We’re still enjoying ourselves but here’s where I inject a small bit of truth into what paradise (this life of ours aboard Strathspey) is really like. Well into our eighth month of cruising, each of us has developed our own list of petpeeves but both of us agree that #1 on this list is dinghy travel. Sure, it had sounded pretty cool when we were planning this trip. We’d read all the stories that say that your dinghy is like your family car down here. Well I can tell you in all certainty that its only resemblance to your family car is the fact that you depend on it. But your family car never has you sitting on a hard wooden seat with your garbage, laundry and computer squeezed in behind the gas tank. All that while you bounce from wave top to wave top, trying to avoid the unavoidable salt spray that once it coats you, ensures that the clothes you’re wearing will take ’til next week to dry. We have a 10 foot Zodiac with an inflatable floor, powered by a 8 horsepower motor. It’s a good length for us and with just the two of us aboard, it gets up onto a good fast plane pretty quickly. I think though, that if we were to do this trip again, we’d consider a hard bottomed dinghy that, although heavier, would slice through the waves faster and more smoothly.

View of Lee Stocking looking north
Lee Stocking Island

So here it is, the third week of February and we’re definitely noticing the migration patterns of boats is changing. On the SSB radio every morning while listening to weather guy Chris Parker, we hear a distinctly different sort of query. Back in December and early January, most of the boats were requesting weather information for the crossing from the USA to the Bahamas. Now, cruisers want information for traveling further south to the Dominican Republic and Puerto Rico. These are the boats who plan to be down below the hurricane belt before June. We’re noticing too, how much more crowded the anchorages are getting now. Back in January when we made our way down the Exuma Island chain, often we’d be the only boat in an anchorage. The last time we were in Black Point Settlement, there were only eight other boats; compare that with the 22 cruisers we’re sharing the bay with now. Apparently February is a busy month down here as the weather and water gets warmer and fewer cold fronts make it this far south. March is even busier so we’re glad our schedule dictated that we cruised this area early in the season before it got crowded.

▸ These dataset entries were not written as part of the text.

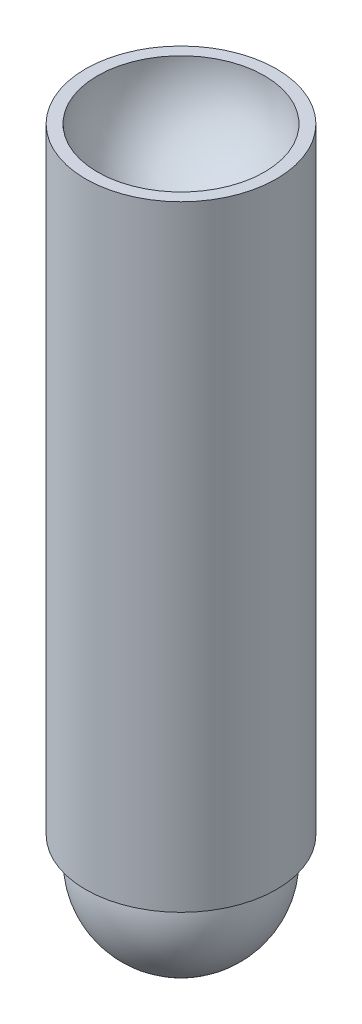
from build123d import *


with BuildPart() as part:
    # Sketch1 → Revolve2 (revolve)
    with BuildSketch(Plane.XY, mode=Mode.PRIVATE) as revolve2_sk:
        with BuildLine():
            Line((-2, 0), (-2, 53.291796068))
            ThreePointArc((-2, 53.291796068), (-5.61248608, 55.816699867), (-7, 60))
            Line((-7, 60), (-8, 60))
            Line((-8, 60), (-8, 8.392398037))
            Line((-8, 8.392398037), (-6.75, 8.392398037))
            ThreePointArc((-6.75, 8.392398037), (-6.244894811, 3.375866985), (-2.5, 0))
            Line((-2.5, 0), (-2, 0))
        make_face()
    revolve(revolve2_sk.sketch.rotate(Axis((0, 0, 0), (0, 1, 0)), 270), axis=Axis((0, 0, 0), (0, 1, 0)))


solid = part.part
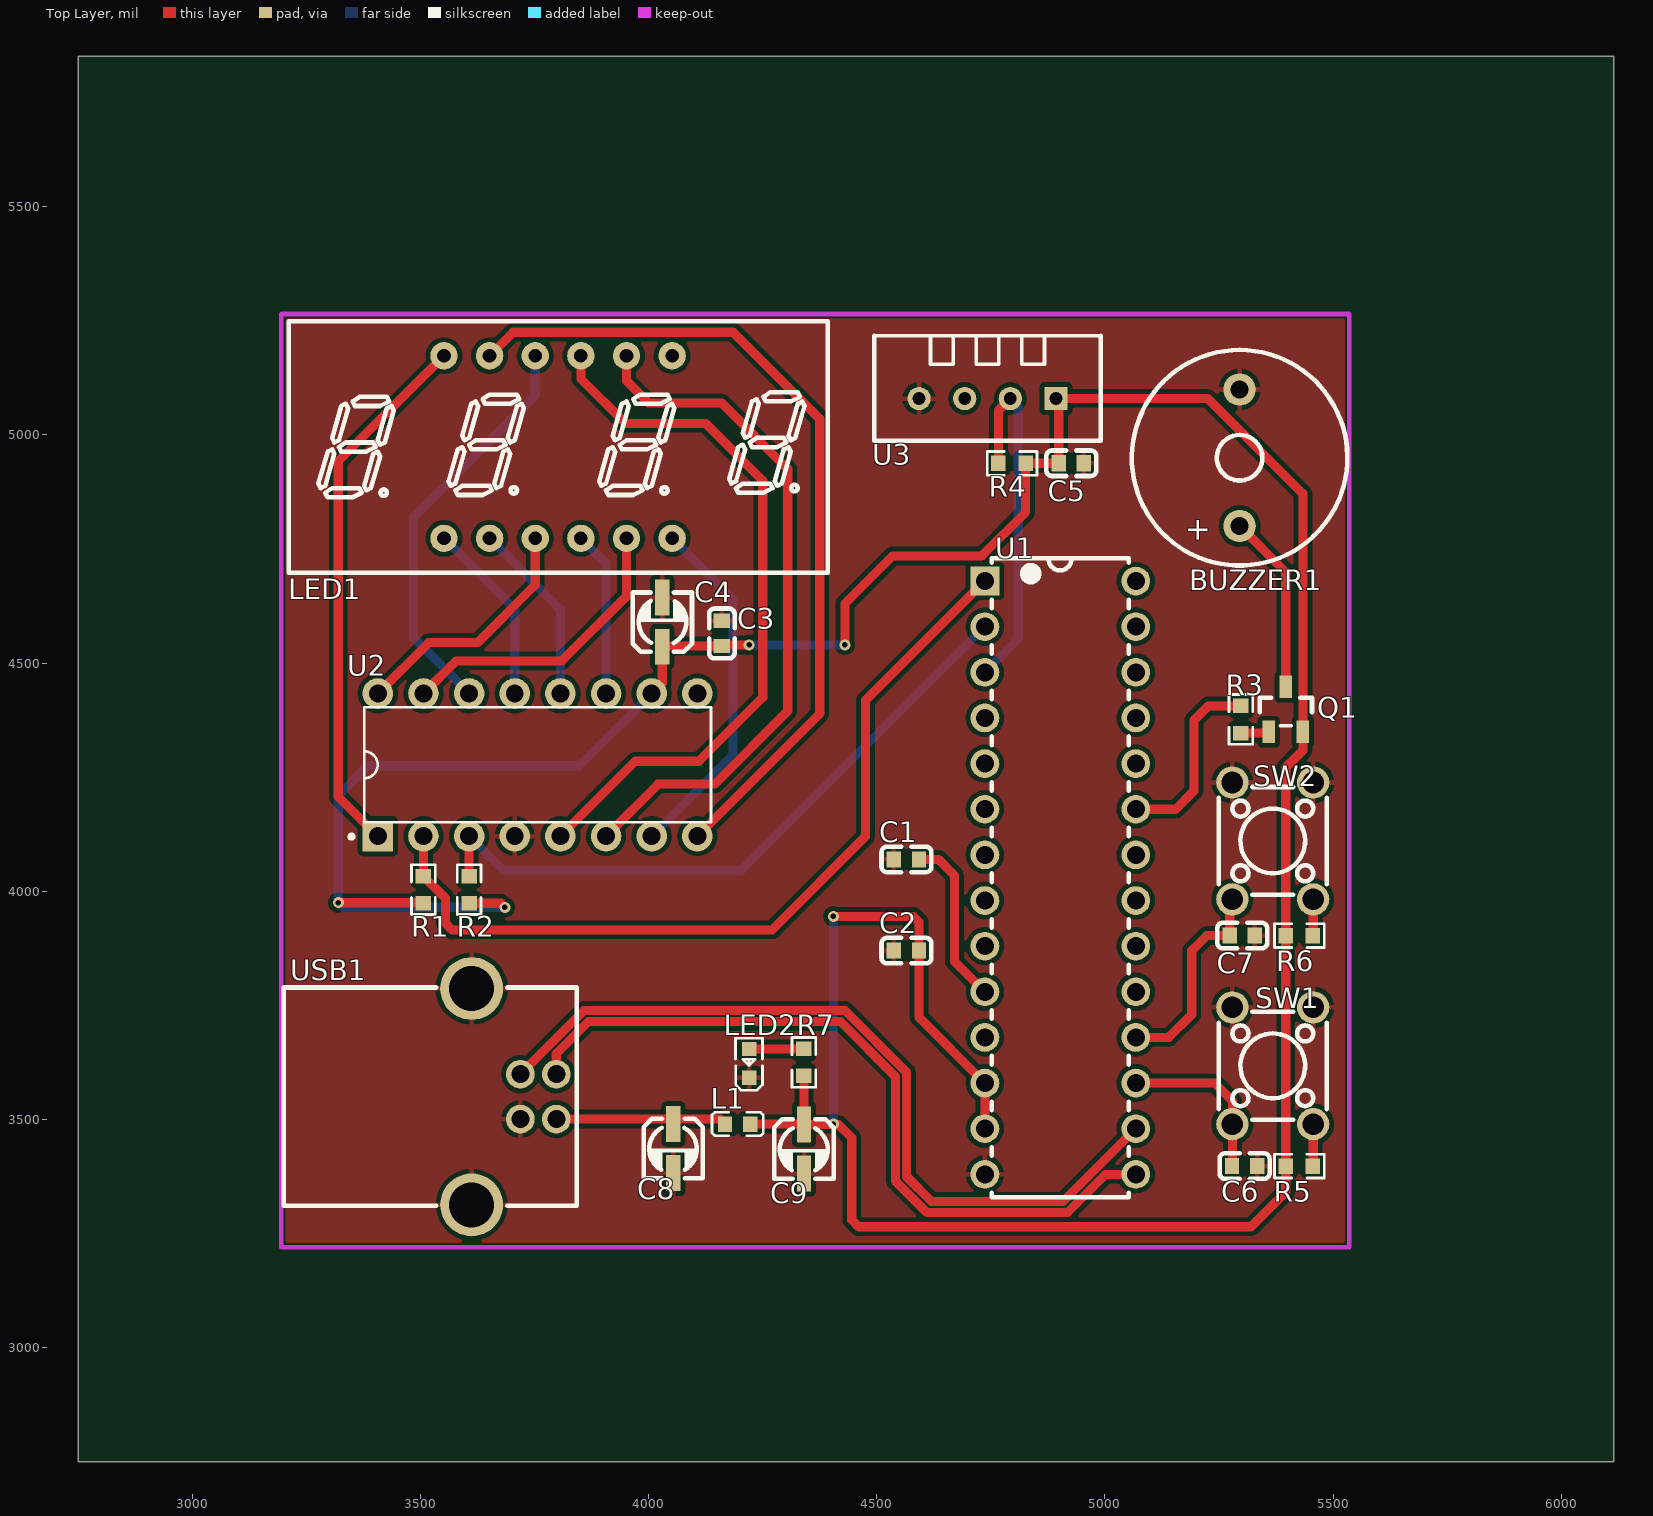
[diagram p0: Top Layer view]
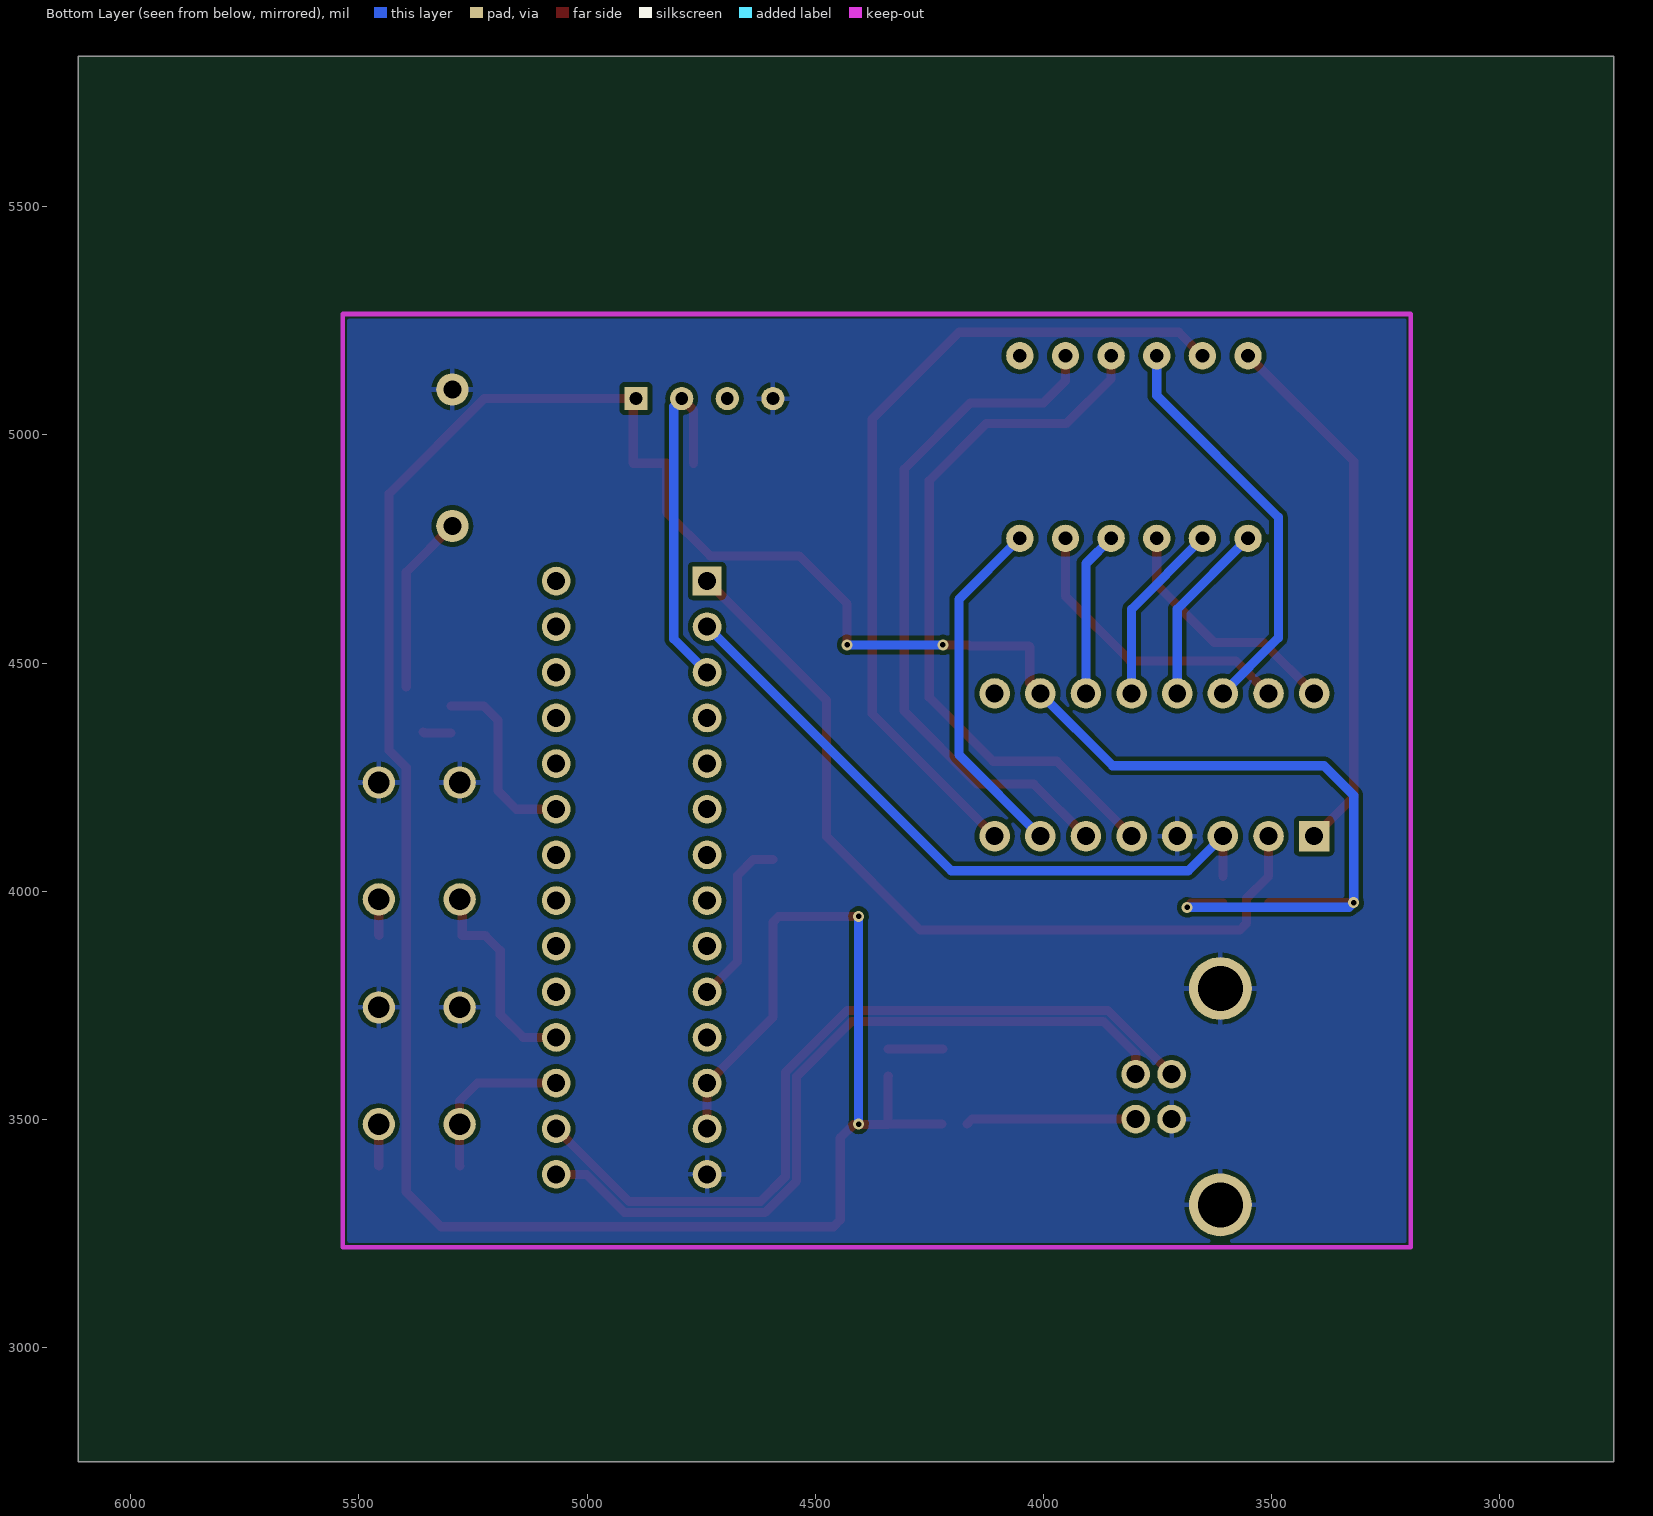
[diagram p1: Bottom Layer view, seen from below]
# Altium PCB MISC51906.pcbdoc
Units mil, origin at the board's own origin, x right, y up, seen from the top; angles counter-clockwise.
Board outline 3365 x 3080 mil, 2 copper layers (Top Layer, Bottom Layer), stack 62.206 mil thick; 27 components, 30 nets, 115 pads, 6 vias.

## Layer stack, top to bottom
Top Solder Mask Layer: solder mask 0.394, Dk 3.3
Top Layer: signal copper 1.379
Dielectric1: surface 59.449, FR4, Dk 4.5
Bottom Layer: signal copper 1.378
Bottom Solder Mask Layer: solder mask 0.394, Dk 3.3

## Board outline
6115,2750 2750,2750 2750,5830 6115,5830

## Design rules (kind name [scope] priority, off if disabled: settings)
BoardOutlineClearance copperThickness2oz_1 [All] p2 off: genericclearance=7.99 ignorepadtopadclearanceinfootprint=FALSE except(0: Arc-SplitContinuation Track-SplitContinuation SMDPad-SplitContinuation THPad-SplitContinuation Via-SplitContinuation Fill-SplitContinuation Region-SplitContinuation Poly-SplitContinuation Text-SplitContinuation Hole-SplitContinuation; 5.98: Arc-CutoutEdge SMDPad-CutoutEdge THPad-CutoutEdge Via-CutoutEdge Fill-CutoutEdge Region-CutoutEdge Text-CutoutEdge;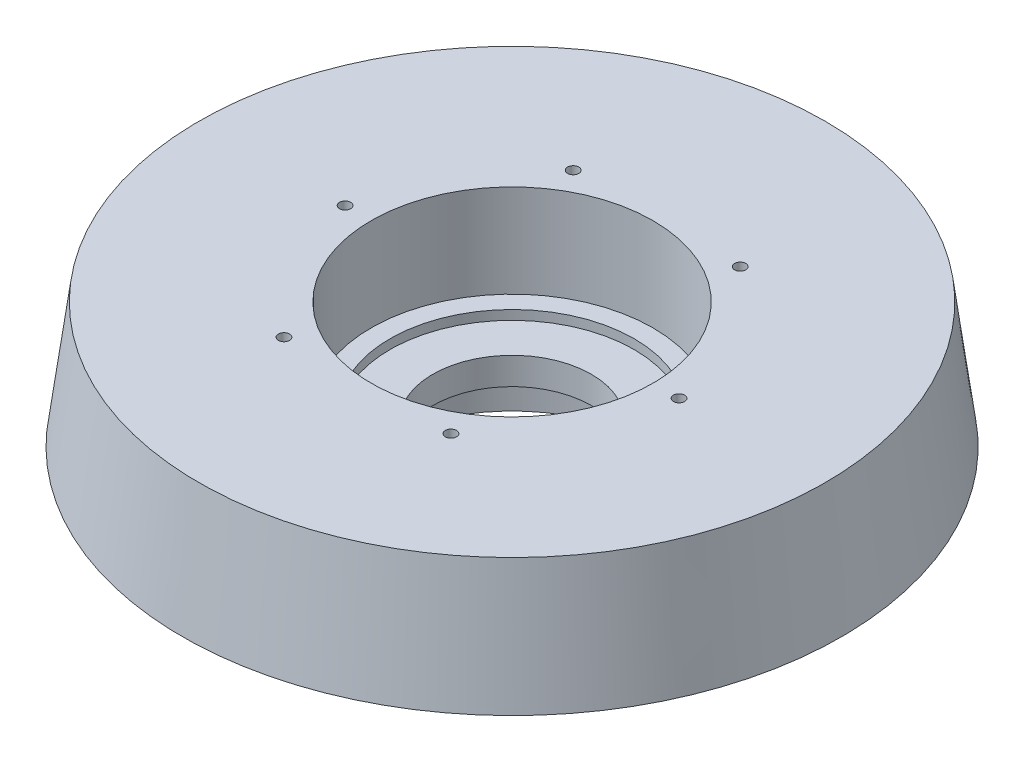
from build123d import *

# Parameters (mm, degrees)
CIRPATTERN1_COUNT = 6
CIRPATTERN2_COUNT = 6


with BuildPart() as part:
    # Sketch1 → Revolve1 (revolve)
    with BuildSketch(Plane.XY, mode=Mode.PRIVATE) as revolve1_sk:
        Polygon((-135, 0), (-135, 53), (-117, 53), (-117, 62), (-76, 62), (-76, 88), (-117, 88), (-117, 97), (-135, 97), (-135, 186), (-300, 186), (-315.79829971, 66), (-185, 66), (-185, 0), align=None)
    revolve(revolve1_sk.sketch.rotate(Axis((0, 0, 0), (0, 1, 0)), 270), axis=Axis((0, 0, 0), (0, 1, 0)))

    # Sketch3 → 1/2-13 Tapped Hole1 (revolve, cut)
    with BuildSketch(Plane(origin=(160, 186, 0), x_dir=(0, 0, 1), z_dir=(1, 0, 0))):
        Polygon((0, 0), (0, 28.619489309), (5.35813, 25.4), (5.35813, 0), align=None)
    f_1_2_13_tapped_hole1 = revolve(axis=Axis((160, 192.35, 0), (0, -1, 0)), mode=Mode.SUBTRACT)

    # CirPattern1: 1/2-13 Tapped Hole1 ×6 about axis
    cirpattern1_axis = Axis((0, 0, 0), (0, 1, 0))
    for i in range(1, CIRPATTERN1_COUNT):
        add(f_1_2_13_tapped_hole1.rotate(cirpattern1_axis, i * 360 / CIRPATTERN1_COUNT), mode=Mode.SUBTRACT)

    # Sketch5 → 1/2-13 Tapped Hole2 (revolve, cut)
    with BuildSketch(Plane(origin=(160, 0, 0), x_dir=(0, 0, -1), z_dir=(1, 0, 0))):
        Polygon((0, 0), (0, 34.479489309), (5.35813, 31.26), (5.35813, 0), align=None)
    f_1_2_13_tapped_hole2 = revolve(axis=Axis((160, -6.35, 0), (0, 1, 0)), mode=Mode.SUBTRACT)

    # CirPattern2: 1/2-13 Tapped Hole2 ×6 about axis
    cirpattern2_axis = Axis((0, 0, 0), (0, 1, 0))
    for i in range(1, CIRPATTERN2_COUNT):
        add(f_1_2_13_tapped_hole2.rotate(cirpattern2_axis, i * 360 / CIRPATTERN2_COUNT), mode=Mode.SUBTRACT)


solid = part.part
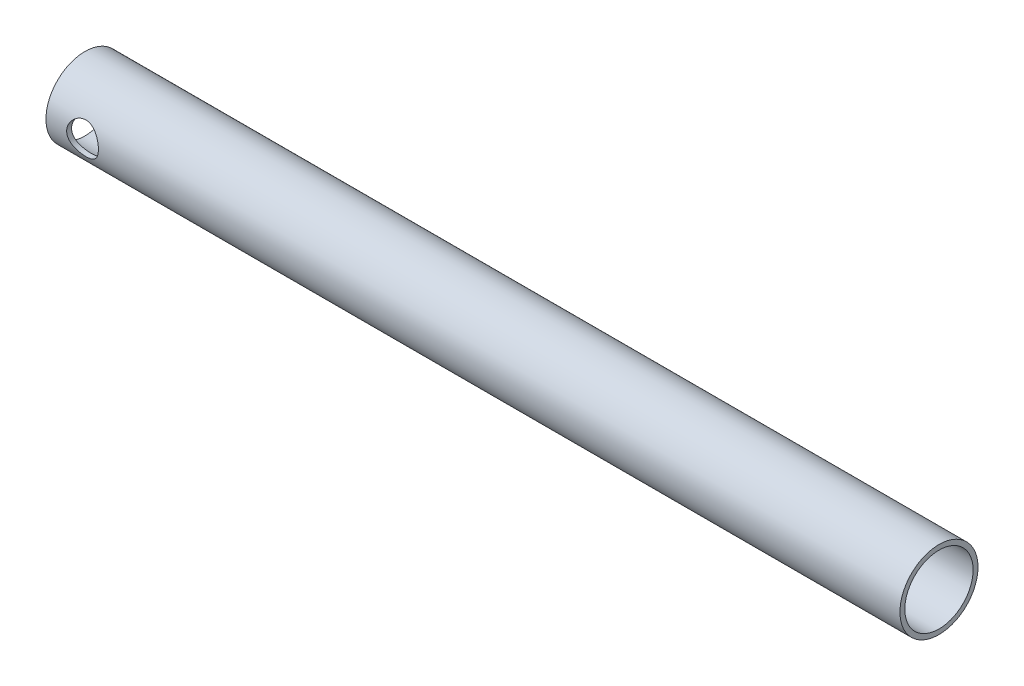
from build123d import *

# Parameters (mm, degrees)
SWEEP_1_PROFILE_R        = 16
SWEEP_1_PROFILE_R_2      = 14
CUT_EXTRUDE_1_DEPTH      = 177.456793578
CUT_EXTRUDE_1_DEPTH_BACK = 177.456793578
SKETCH_26_R              = 6.5


with BuildPart() as part:
    # 扫描-薄件1: sweep along a path in 草图1
    with BuildLine(Plane.XY) as sweep_1_path:
        Line((-175, 0), (175, 0))
    # 扫描-薄件1 profile (on start of the path) → 扫描-薄件1 (sweep)
    with BuildSketch(Plane(origin=(-175, 0, 0), x_dir=(0, 0, 1), z_dir=(1, 0, 0))):
        Circle(SWEEP_1_PROFILE_R)
        Circle(SWEEP_1_PROFILE_R_2, mode=Mode.SUBTRACT)
    sweep(path=sweep_1_path.line)

    # 草图26 → 切除-拉伸1 (cut, two sides: drawn at the far end of the back side and taken through both)
    with BuildSketch(Plane.XY.offset(-CUT_EXTRUDE_1_DEPTH_BACK)):
        with Locations((-160, 0)):
            Circle(SKETCH_26_R)
    extrude(amount=CUT_EXTRUDE_1_DEPTH + CUT_EXTRUDE_1_DEPTH_BACK, mode=Mode.SUBTRACT)


solid = part.part
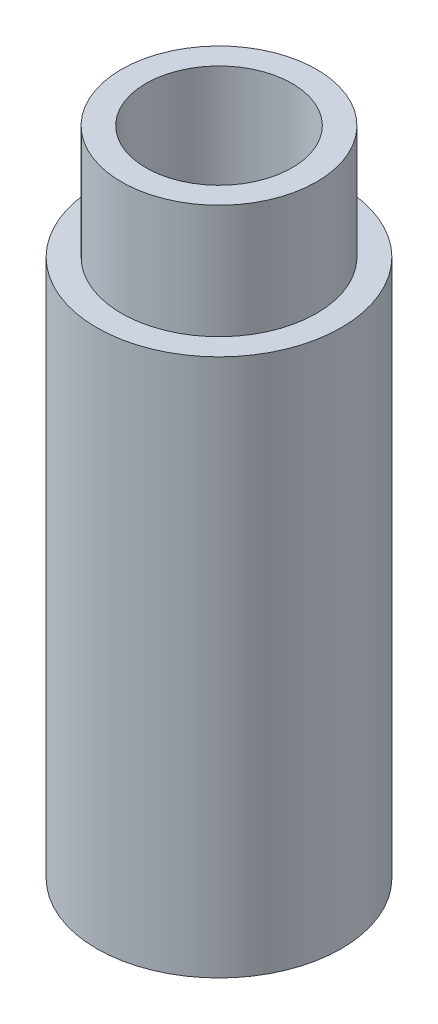
from build123d import *


with BuildPart() as part:
    # Sketch2 → Revolve1 (revolve)
    with BuildSketch(Plane.XY):
        Polygon((51.067350004, -25.488807327), (51.067350004, 80.061192673), (56.117350004, 80.061192673), (56.117350004, 107.791192673), (51.117350004, 107.791192673), (51.117350004, 97.791192673), (51.117350004, 84.511192673), (46.067350004, 84.511192673), (46.067350004, -25.488807327), align=None)
    revolve(axis=Axis((71.067350004, 101.177656429, 0), (0, -1, 0)))


solid = part.part

We’re meeting friends and family at Staniel Cay over the next three weeks and hope to explore this area and north of Warderick Wells between their visits. Blair and I both agree that now that we’ve stretched our necks all the way down to Long Island, the focus and mood aboard Strathspey seems to be directed in a more northerly direction at this point. We want to work our way back through the Abacos, stopping in at the more northerly islands we missed on the way down. In the past eight months, we’ve traveled over 4000 miles to get here and no matter our feeling that we’ve only just arrived, it’s time to start a bit of the leaving, however gradual.